Why Your Cell Phone Might Be Hindering Work-Life Balance

I updated my iPhone several weeks ago and received an alert. Without much thought I clicked on the link and received a shocking dose of reality: I had used four glorious, precious hours of my life on my cell phone alone last week. What?! Four hours?! I couldn’t believe it. Four hours is half a work day. It’s an 8-mile hike. It’s the four hours I’ve been needing to finish one of my work projects.

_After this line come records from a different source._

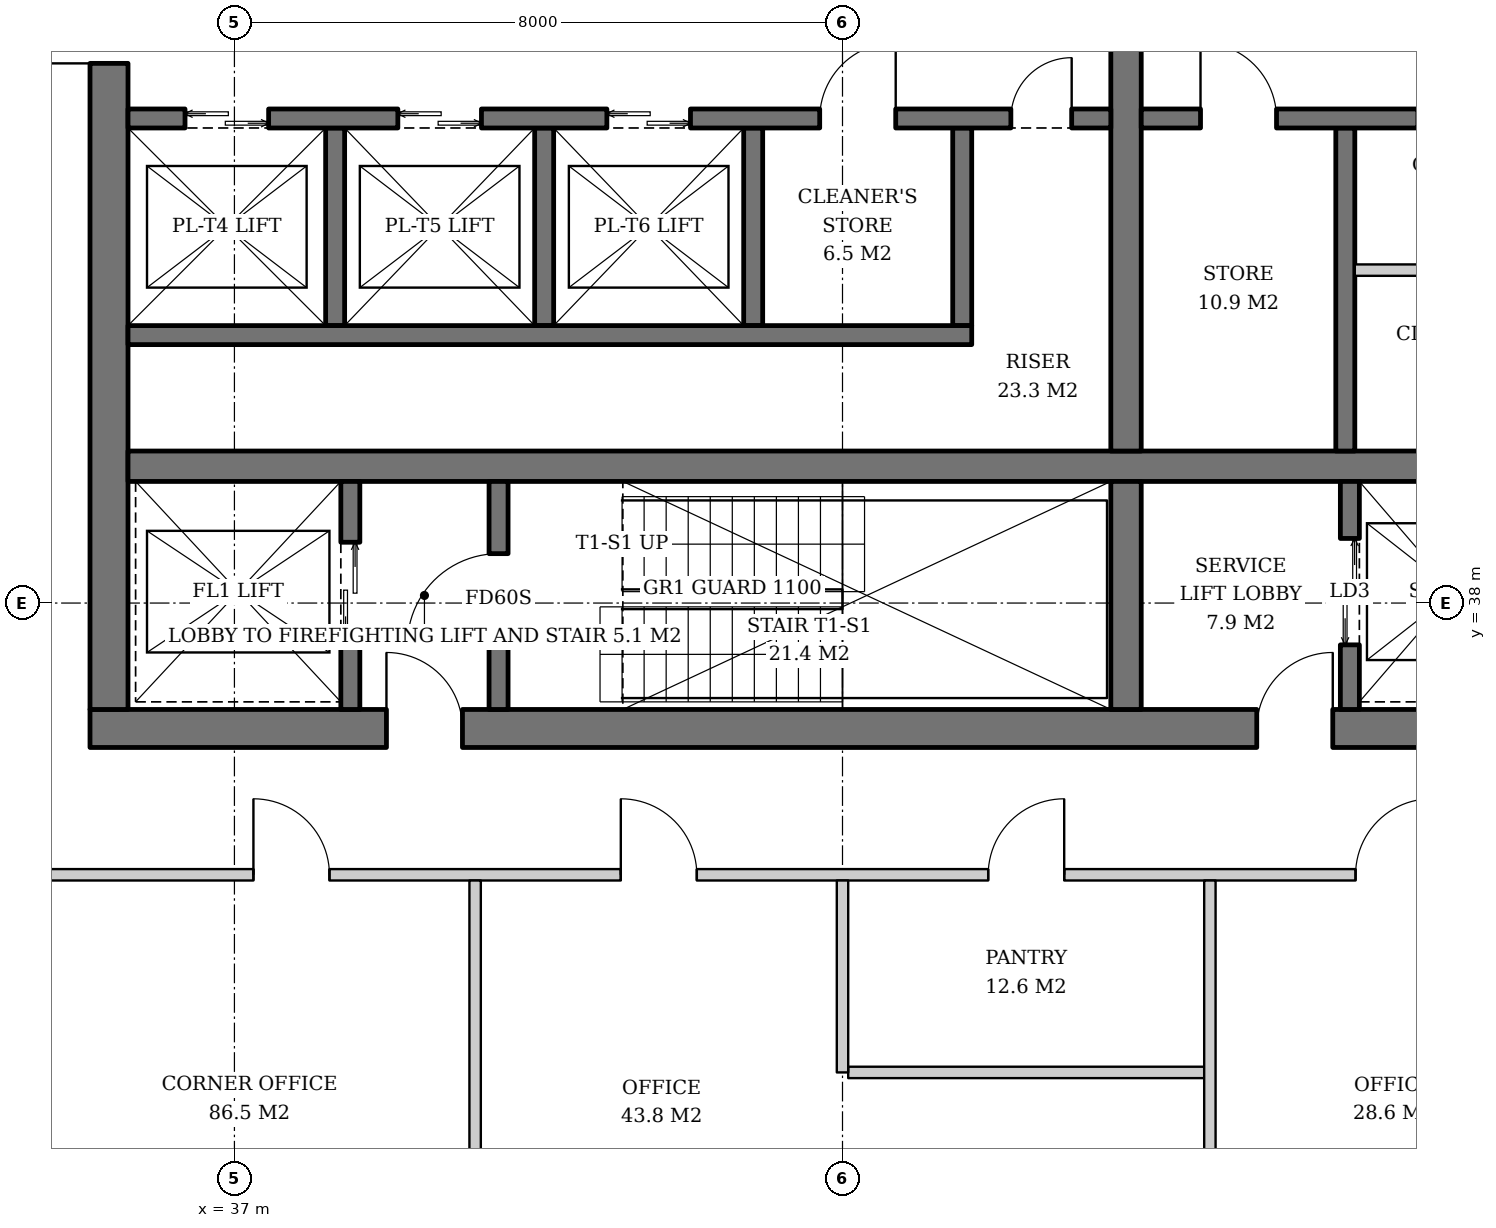
"""IFC4 building model, lengths in metres.
Left out: names, types, materials, properties, quantities, classifications, styles, units other than length and angle.
Written with IfcOpenShell. Run it as: python <this file> out.ifc"""

import sys

from ifc_helpers import new_model, si_unit, direction, frame, frame_2d, origin, place, context, subcontext, project, spatial, rectangle, extrude, element, fill, save


model = new_model("IFC4")
c1 = context("Model", 3, precision=1e-05, world=origin(), true_north=direction((0.0, 1.0)))
c2 = subcontext(c1, "Body", "Model", "MODEL_VIEW")
j1 = project(units=[si_unit("LENGTHUNIT", "METRE"), si_unit("PLANEANGLEUNIT", "RADIAN")], contexts=[c1])
p1 = place(None, origin())
s1 = spatial("IfcSite", under=j1, at=p1, CompositionType="ELEMENT")
p2 = place(p1, origin())
s2 = spatial("IfcBuilding", under=s1, at=p2, CompositionType="ELEMENT")
p3 = place(p2, frame((0.0, 0.0, 252.8)))
s3 = spatial("IfcBuildingStorey", under=s2, at=p3, CompositionType="ELEMENT", Elevation=252.8)
p4 = place(p3, frame((35.1, 36.35, 0.0), z_axis=(0.0, 0.0, 1.0), x_axis=(1.0, 0.0, 0.0)))
e1 = element("IfcWall", 1, at=p4, inside=s3, PredefinedType="SHEAR", context=c2, shape_type="SweptSolid", body=[
    extrude(rectangle(XDim=19.8, YDim=0.5, at=frame_2d((9.9, 0.0))), origin(), (0.0, 0.0, 1.0), 3.8),
])
p5 = place(p4, frame((3.9, 0.0, 0.0)))
e2 = element("IfcOpeningElement", 2, at=p5, cuts=e1, PredefinedType="OPENING", context=c2, shape_type="SweptSolid", body=[
    extrude(rectangle(XDim=1.0, YDim=2.1, at=frame_2d((0.5, 1.05))), frame((0.0, 0.26, 0.0), z_axis=(0.0, -1.0, 0.0), x_axis=(1.0, 0.0, 0.0)), (0.0, 0.0, 1.0), 0.52),
])
p6 = place(p4, frame((15.35, 0.0, 0.0)))
e3 = element("IfcOpeningElement", 3, at=p6, cuts=e1, PredefinedType="OPENING", context=c2, shape_type="SweptSolid", body=[
    extrude(rectangle(XDim=1.0, YDim=2.1, at=frame_2d((0.5, 1.05))), frame((0.0, 0.26, 0.0), z_axis=(0.0, -1.0, 0.0), x_axis=(1.0, 0.0, 0.0)), (0.0, 0.0, 1.0), 0.52),
])
p7 = place(p3, frame((35.35, 36.6, 0.0), z_axis=(0.0, 0.0, 1.0), x_axis=(0.0, 1.0, 0.0)))
e4 = element("IfcWall", 4, at=p7, inside=s3, PredefinedType="SHEAR", context=c2, shape_type="SweptSolid", body=[
    extrude(rectangle(XDim=18.8, YDim=0.5, at=frame_2d((9.4, 0.0))), origin(), (0.0, 0.0, 1.0), 3.8),
])
p8 = place(p7, frame((8.5, 0.0, 0.0)))
e5 = element("IfcOpeningElement", 5, at=p8, cuts=e4, PredefinedType="OPENING", context=c2, shape_type="SweptSolid", body=[
    extrude(rectangle(XDim=1.8, YDim=2.4, at=frame_2d((0.9, 1.2))), frame((0.0, 0.26, 0.0), z_axis=(0.0, -1.0, 0.0), x_axis=(1.0, 0.0, 0.0)), (0.0, 0.0, 1.0), 0.52),
])
p9 = place(p3, frame((35.6, 39.8, 0.0), z_axis=(0.0, 0.0, 1.0), x_axis=(1.0, 0.0, 0.0)))
e6 = element("IfcWall", 6, at=p9, inside=s3, PredefinedType="SHEAR", context=c2, shape_type="SweptSolid", body=[
    extrude(rectangle(XDim=18.8, YDim=0.4, at=frame_2d((9.4, 0.0))), origin(), (0.0, 0.0, 1.0), 3.8),
])
p10 = place(p3, frame((48.73, 36.6, 0.0), z_axis=(0.0, 0.0, 1.0), x_axis=(0.0, 1.0, 0.0)))
e7 = element("IfcWall", 7, at=p10, inside=s3, PredefinedType="SHEAR", context=c2, shape_type="SweptSolid", body=[
    extrude(rectangle(XDim=3.0, YDim=0.4, at=frame_2d((1.5, 0.0))), origin(), (0.0, 0.0, 1.0), 3.8),
])
p11 = place(p3, frame((48.73, 40.0, 0.0), z_axis=(0.0, 0.0, 1.0), x_axis=(0.0, 1.0, 0.0)))
e8 = element("IfcWall", 8, at=p11, inside=s3, PredefinedType="SHEAR", context=c2, shape_type="SweptSolid", body=[
    extrude(rectangle(XDim=12.0, YDim=0.4, at=frame_2d((6.0, 0.0))), origin(), (0.0, 0.0, 1.0), 3.8),
])
p12 = place(p3, frame((38.525, 36.6, 0.0), z_axis=(0.0, 0.0, 1.0), x_axis=(0.0, 1.0, 0.0)))
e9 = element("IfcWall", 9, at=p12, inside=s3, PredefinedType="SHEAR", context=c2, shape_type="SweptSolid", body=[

This reality brought a hefty-dose of awareness to how often I was using my phone and the purpose I was using it.

Cellphones control our priorities. 

There was the time I was sitting on Metro on my way to meet some friends. I checked my cell and noticed several work emails. “Better respond quickly,” I thought. So instead of using the ride to decompress, I elected to respond to emails.

Instead of meeting my friends excited and ready to engage, I was completely preoccupied with logistics and work. By choosing to be on the phone, I was unknowingly letting technology dictate my priorities (work over relaxation) and ultimately put myself in a stressful mindset.

The habit of checking cellphones creates more work. 

I’m so thankful to my wonderful clients who respect my time and have reasonable expectations. However,  I recognize that not everyone is so fortunate. I’ve seen too many people who feel pressured to respond immediately to a work email, ultimately sending the message that they are now available 24/7.  An email leads to a phone call, which spirals into a sleepless night attempting to resolve a work issue. The reality is that oftentimes putting up boundaries and deciding not to respond in the first place might have led to resolving the issue the following day.

The constant connection reinforces limiting beliefs.

We all have some type of limiting belief about ourselves. “I’m not good enough,” “I don’t have enough,” “Others are better than me,” etc. etc. Our constant connection to our emails and social media reinforces these limiting beliefs.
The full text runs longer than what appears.